The first are the people who just don’t get it. They understand what I’m doing, but don’t understand why. They wonder why I would waste time doing something where I don’t make money, I’m not going to school, and I’m not going to advance.

The second are the people who sort of get it. They understand what I’m doing, and understand that the work is important and valuable to society. They’re excited that I’m doing something good for the less fortunate in society. They say things like “It’s so great of you to take a year off to help people.”

Clearly, these two groups have very different ideas of the importance of social work, and that’s fine. To be expected. Probably even good, to a certain degree, because cynicism is as necessary as idealism if you ever really want to get anything accomplished. I think the important thing to realize that in a very fundamental way, they are both terribly mistaken. Allow me to explain.

The first group of people basically see little value in investing your time, effort, and money (in terms of opportunity costs) in something that won’t help you personally. The second group sees great value in doing that while you’re young and you have a lot of both time and effort. But at some point, both groups agree that in the long run, there are more important life aspirations than to sacrifice everything to help others. For group 1 it’s explicit; for group 2 it’s implied by saying “taking a year off.” What is the year “off” from? It’s taking time away from what really matters, and what really matters to them is what really matters to most people, which is getting a good education so you can get a good job and have a good family life and be comfortable. And that’s a grand ideal. But that’s not what really matters.

For those of us that have read the bible and believe that some parts of it are, if not true, at least good guidance in justice or morality, we must demand more of ourselves and each other. The goal of our lives isn’t to make ourselves comfortable. Many amazing people that either haven’t read it or don’t assign it even that much credibility have reached a similar conclusion.

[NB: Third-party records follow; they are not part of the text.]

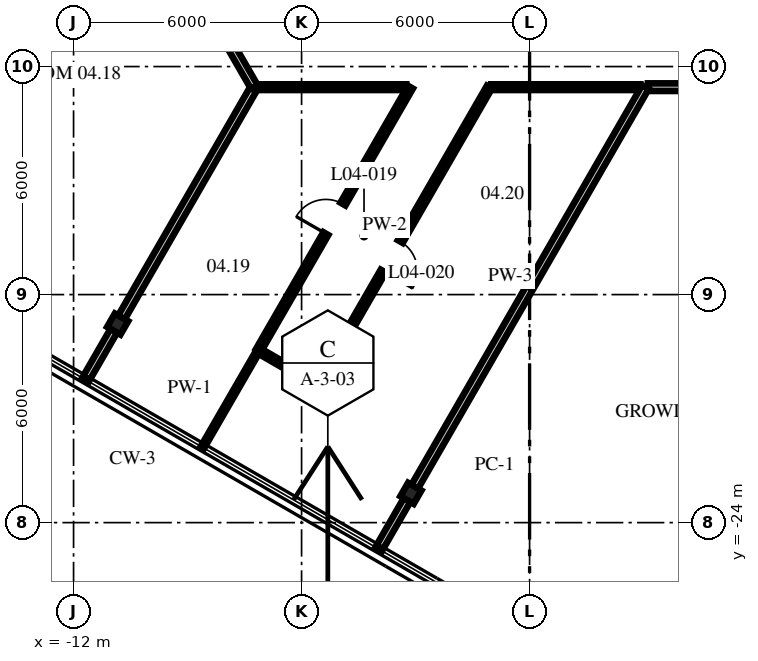
"""IFC4 building model, lengths in metres.
Left out: names, types, materials, properties, quantities, classifications, styles, units other than length and angle.
Written with IfcOpenShell. Run it as: python <this file> out.ifc"""

import sys

from ifc_helpers import new_model, si_unit, direction, frame, frame_2d, origin, origin_2d, place, context, subcontext, project, spatial, rectangle, i_section, extrude, source, transform, mapped, element, fill, save


model = new_model("IFC4")
c1 = context("Model", 3, precision=1e-05, world=origin(), true_north=direction((0.0, 1.0)))
c2 = subcontext(c1, "Body", "Model", "MODEL_VIEW")
j1 = project(units=[si_unit("LENGTHUNIT", "METRE"), si_unit("PLANEANGLEUNIT", "RADIAN")], contexts=[c1])
p1 = place(None, origin())
s1 = spatial("IfcSite", under=j1, at=p1, CompositionType="ELEMENT")
p2 = place(p1, origin())
s2 = spatial("IfcBuilding", under=s1, at=p2, CompositionType="ELEMENT")
p3 = place(p2, frame((0.0, 0.0, 20.3)))
s3 = spatial("IfcBuildingStorey", under=s2, at=p3, CompositionType="ELEMENT", Elevation=20.3)
m1 = source(origin(), c2, "Body", "SweptSolid", [
    extrude(i_section(OverallWidth=0.404, OverallDepth=0.406, WebThickness=0.027, FlangeThickness=0.044, at=origin_2d()), origin(), (0.0, 0.0, 1.0), 4.3),
])
for number, where, z_axis, x_axis in (
    (1, (-10.84, -18.775, 0.0), (0.0, 0.0, 1.0), (0.866, -0.5, 0.0)),
    (2, (-3.124, -23.23, 0.0), (0.0, 0.0, 1.0), (0.866, -0.5, 0.0)),
):
    element("IfcColumn", number, at=place(p3, frame(where, z_axis=z_axis, x_axis=x_axis)), inside=s3, PredefinedType="COLUMN", context=c2, shape_type="MappedRepresentation", body=[
        mapped(m1, transform((0.0, 0.0, 0.0), scale=1.0)),
    ])
m2 = source(origin(), c2, "Body", "SweptSolid", [
    extrude(rectangle(XDim=8.229, YDim=0.2, at=frame_2d((4.115, 0.0))), origin(), (0.0, 0.0, 1.0), 4.1),
])
p4 = place(p3, frame((-11.356, -5.416, 0.0), z_axis=(0.0, 0.0, 1.0), x_axis=(0.500012644715, -0.866018103232, 0.0)))
e3 = element("IfcWall", 3, at=p4, inside=s3, PredefinedType="PARTITIONING", context=c2, shape_type="MappedRepresentation", body=[
    mapped(m2, transform((0.0, 0.0, 0.0), scale=1.0)),
])
m3 = source(origin(), c2, "Body", "SweptSolid", [
    extrude(rectangle(XDim=1.69, YDim=0.15, at=frame_2d((0.845, 0.0))), origin(), (0.0, 0.0, 1.0), 4.1),
])
p5 = place(p3, frame((-7.084, -19.5, 0.0), z_axis=(0.0, 0.0, 1.0), x_axis=(0.866002725405, -0.500039278049, 0.0)))
e4 = element("IfcWall", 4, at=p5, inside=s3, PredefinedType="PARTITIONING", context=c2, shape_type="MappedRepresentation", body=[
    mapped(m3, transform((0.0, 0.0, 0.0), scale=1.0)),
])
m4 = source(origin(), c2, "Body", "SweptSolid", [
    extrude(rectangle(XDim=3.925, YDim=0.15, at=frame_2d((1.962, 0.0))), origin(), (0.0, 0.0, 1.0), 4.1),
])
p6 = place(p3, frame((-7.171, -12.542, 0.0), z_axis=(0.0, 0.0, 1.0), x_axis=(1.0, 0.0, 0.0)))
e5 = element("IfcWall", 5, at=p6, inside=s3, PredefinedType="PARTITIONING", context=c2, shape_type="MappedRepresentation", body=[
    mapped(m4, transform((0.0, 0.0, 0.0), scale=1.0)),
])
m5 = source(origin(), c2, "Body", "SweptSolid", [
    extrude(rectangle(XDim=3.921, YDim=0.15, at=frame_2d((1.961, 0.0))), origin(), (0.0, 0.0, 1.0), 4.1),
])
p7 = place(p3, frame((-1.008, -12.542, 0.0), z_axis=(0.0, 0.0, 1.0), x_axis=(1.0, 0.0, 0.0)))
e6 = element("IfcWall", 6, at=p7, inside=s3, PredefinedType="PARTITIONING", context=c2, shape_type="MappedRepresentation", body=[
    mapped(m5, transform((0.0, 0.0, 0.0), scale=1.0)),
])
m6 = source(origin(), c2, "Body", "SweptSolid", [
    extrude(rectangle(XDim=4.098, YDim=0.2, at=frame_2d((2.049, 0.0))), origin(), (0.0, 0.0, 1.0), 4.1),
])
p8 = place(p3, frame((3.114, -12.542, 0.0), z_axis=(0.0, 0.0, 1.0), x_axis=(1.0, 0.0, 0.0)))
e7 = element("IfcWall", 7, at=p8, inside=s3, PredefinedType="PARTITIONING", context=c2, shape_type="MappedRepresentation", body=[
    mapped(m6, transform((0.0, 0.0, 0.0), scale=1.0)),
])
p9 = place(p8, frame((1.483, 0.0, 0.0)))
e8 = element("IfcOpeningElement", 8, at=p9, cuts=e7, PredefinedType="OPENING", context=c2, shape_type="SweptSolid", body=[
    extrude(rectangle(XDim=1.0, YDim=2.1, at=frame_2d((0.5, 1.05))), frame((0.0, 0.11, 0.0), z_axis=(0.0, -1.0, 0.0), x_axis=(1.0, 0.0, 0.0)), (0.0, 0.0, 1.0), 0.22),
])
m7 = source(origin(), c2, "Body", "SweptSolid", [
    extrude(rectangle(XDim=1.499, YDim=0.2, at=frame_2d((0.75, 0.0))), origin(), (0.0, 0.0, 1.0), 4.1),
])
p10 = place(p3, frame((-3.969, -24.695, 0.0), z_axis=(0.0, 0.0, 1.0), x_axis=(0.499905760005, 0.866079806435, 0.0)))
e9 = element("IfcWall", 9, at=p10, inside=s3, PredefinedType="PARTITIONING", context=c2, shape_type="MappedRepresentation", body=[
    mapped(m7, transform((0.0, 0.0, 0.0), scale=1.0)),
])
m8 = source(origin(), c2, "Body", "SweptSolid", [
    extrude(rectangle(XDim=12.148, YDim=0.2, at=frame_2d((6.074, 0.0))), origin(), (0.0, 0.0, 1.0), 3.343),
])
p11 = place(p3, frame((-3.027, -23.063, 0.0), z_axis=(0.0, 0.0, 1.0), x_axis=(0.499997320042, 0.866026951053, 0.0)))
e10 = element("IfcWall", 10, at=p11, inside=s3, PredefinedType="PARTITIONING", context=c2, shape_type="MappedRepresentation", body=[
    mapped(m8, transform((0.0, 0.0, 0.0), scale=1.0)),
])
m9 = source(origin(), c2, "Body", "SweptSolid", [
    extrude(rectangle(XDim=9.039, YDim=0.15, at=frame_2d((4.519, 0.0))), origin(), (0.0, 0.0, 1.0), 4.1),
])
p12 = place(p3, frame((-5.577, -20.37, 0.0), z_axis=(0.0, 0.0, 1.0), x_axis=(0.499999912267, 0.866025454437, 0.0)))
e11 = element("IfcWall", 11, at=p12, inside=s3, PredefinedType="PARTITIONING", context=c2, shape_type="MappedRepresentation", body=[
    mapped(m9, transform((0.0, 0.0, 0.0), scale=1.0)),
])
p13 = place(p12, frame((3.449, 0.0, 0.0)))
e12 = element("IfcOpeningElement", 12, at=p13, cuts=e11, PredefinedType="OPENING", context=c2, shape_type="SweptSolid", body=[
    extrude(rectangle(XDim=0.9, YDim=2.1, at=frame_2d((0.45, 1.05))), frame((0.0, 0.085, 0.0), z_axis=(0.0, -1.0, 0.0), x_axis=(1.0, 0.0, 0.0)), (0.0, 0.0, 1.0), 0.17),
])
m10 = source(origin(), c2, "Body", "SweptSolid", [
    extrude(rectangle(XDim=2.941, YDim=0.1, at=frame_2d((1.47, 0.0))), origin(), (0.0, 0.0, 1.0), 4.1),
])
p14 = place(p3, frame((-8.607, -22.018, 0.0), z_axis=(0.0, 0.0, 1.0), x_axis=(0.500005104963, 0.866022456413, 0.0)))
e13 = element("IfcWall", 13, at=p14, inside=s3, PredefinedType="PARTITIONING", context=c2, shape_type="MappedRepresentation", body=[
    mapped(m10, transform((0.0, 0.0, 0.0), scale=1.0)),
])
m11 = source(origin(), c2, "Body", "SweptSolid", [
    extrude(rectangle(XDim=8.0, YDim=0.15, at=frame_2d((4.0, 0.0))), origin(), (0.0, 0.0, 1.0), 4.1),
])
p15 = place(p3, frame((-7.136, -19.47, 0.0), z_axis=(0.0, 0.0, 1.0), x_axis=(0.500002489515, 0.866023966458, 0.0)))
e14 = element("IfcWall", 14, at=p15, inside=s3, PredefinedType="PARTITIONING", context=c2, shape_type="MappedRepresentation", body=[
    mapped(m11, transform((0.0, 0.0, 0.0), scale=1.0)),
])
p16 = place(p15, frame((3.549, 0.0, 0.0)))
e15 = element("IfcOpeningElement", 15, at=p16, cuts=e14, PredefinedType="OPENING", context=c2, shape_type="SweptSolid", body=[
    extrude(rectangle(XDim=0.9, YDim=2.1, at=frame_2d((0.45, 1.05))), frame((0.0, 0.085, 0.0), z_axis=(0.0, -1.0, 0.0), x_axis=(1.0, 0.0, 0.0)), (0.0, 0.0, 1.0), 0.17),
])
m12 = source(origin(), c2, "Body", "SweptSolid", [
    extrude(rectangle(XDim=1.499, YDim=0.2, at=frame_2d((0.749, 0.0))), origin(), (0.0, 0.0, 1.0), 4.1),
])
p17 = place(p3, frame((-11.686, -20.24, 0.0), z_axis=(0.0, 0.0, 1.0), x_axis=(0.499976292358, 0.866039090965, 0.0)))
e16 = element("IfcWall", 16, at=p17, inside=s3, PredefinedType="PARTITIONING", context=c2, shape_type="MappedRepresentation", body=[
    mapped(m12, transform((0.0, 0.0, 0.0), scale=1.0)),
])
m13 = source(origin(), c2, "Body", "SweptSolid", [
    extrude(rectangle(XDim=6.934, YDim=0.2, at=frame_2d((3.467, 0.0))), origin(), (0.0, 0.0, 1.0), 3.488),
])
p18 = place(p3, frame((-10.743, -18.608, 0.0), z_axis=(0.0, 0.0, 1.0), x_axis=(0.499986605379, 0.866033137035, 0.0)))
e17 = element("IfcWall", 17, at=p18, inside=s3, PredefinedType="PARTITIONING", context=c2, shape_type="MappedRepresentation", body=[
    mapped(m13, transform((0.0, 0.0, 0.0), scale=1.0)),
])
p19 = place(p16, origin())
e18 = element("IfcDoor", 18, at=p19, inside=s3, OperationType="SINGLE_SWING_LEFT", PredefinedType="DOOR", context=c2, shape_type="SweptSolid", body=[
    extrude(rectangle(XDim=0.9, YDim=2.1, at=frame_2d((0.45, 1.05))), frame((0.0, 0.025, 0.0), z_axis=(0.0, -1.0, 0.0), x_axis=(1.0, 0.0, 0.0)), (0.0, 0.0, 1.0), 0.05),
])
fill(e15, e18)
p20 = place(p13, origin())
e19 = element("IfcDoor", 19, at=p20, inside=s3, OperationType="SINGLE_SWING_RIGHT", PredefinedType="DOOR", context=c2, shape_type="SweptSolid", body=[
    extrude(rectangle(XDim=0.9, YDim=2.1, at=frame_2d((0.45, 1.05))), frame((0.0, 0.025, 0.0), z_axis=(0.0, -1.0, 0.0), x_axis=(1.0, 0.0, 0.0)), (0.0, 0.0, 1.0), 0.05),
])
fill(e12, e19)
save(model, sys.argv[1])

What really matters might in an academic sense be bringing yourself happiness, but there should be no better way of doing that than working to bring God’s kingdom to earth, which can be done by secular means as effectively as (if not more than) by any others. Jesus would not have been remarkably sympathetic to the Invisible Hand argument for social optimization. We have an individual responsibility to actively bring justice to the oppressed. That is not negotiable. What could be a more important goal? What could one possibly value more?

So if you think about it, I’ve been taking the last 22 years of my life off. And if I go on from here to live a normal life, then I’ll be taking the rest of my life off too. I think that most people who “take a year off” have, in reality, only had one real year on. The rest is just sort of a break. Or a distraction. A tangent perhaps. But how can we justify the goal of human existence in terms of the individual struggle to achieve greatness, rather than in terms of the collective struggle to overcome misery? And in the end, coming from where we are right now, is it even possible to achieve one without achieving the other?

So from now on, whenever I hear about “taking time off” to do service, I’ll be asking myself the question “taking time off from what?” And if whatever it is requires you to take time off from it in order to do service, is it really something you should be doing at all?

1 comment:

  1. An interesting post, Nate, and as always great to see an update!

    I think we could talk (argue) for hours about your premise in the second part, but I did want to mention one thing - I don't think your implied global mandate of human responsibility for service need be mutually exclusive with the goal of a sustainable, comfortable existence. And, of course, I find this entire conversation very interesting in light of our previous discussions regarding the existence (or lack thereof) of altruism.

    Regardless, I'm glad you're having fun and feeling good about the work you're doing; you are certainly appreciated by the community. Looking forward to seeing you around Christmas!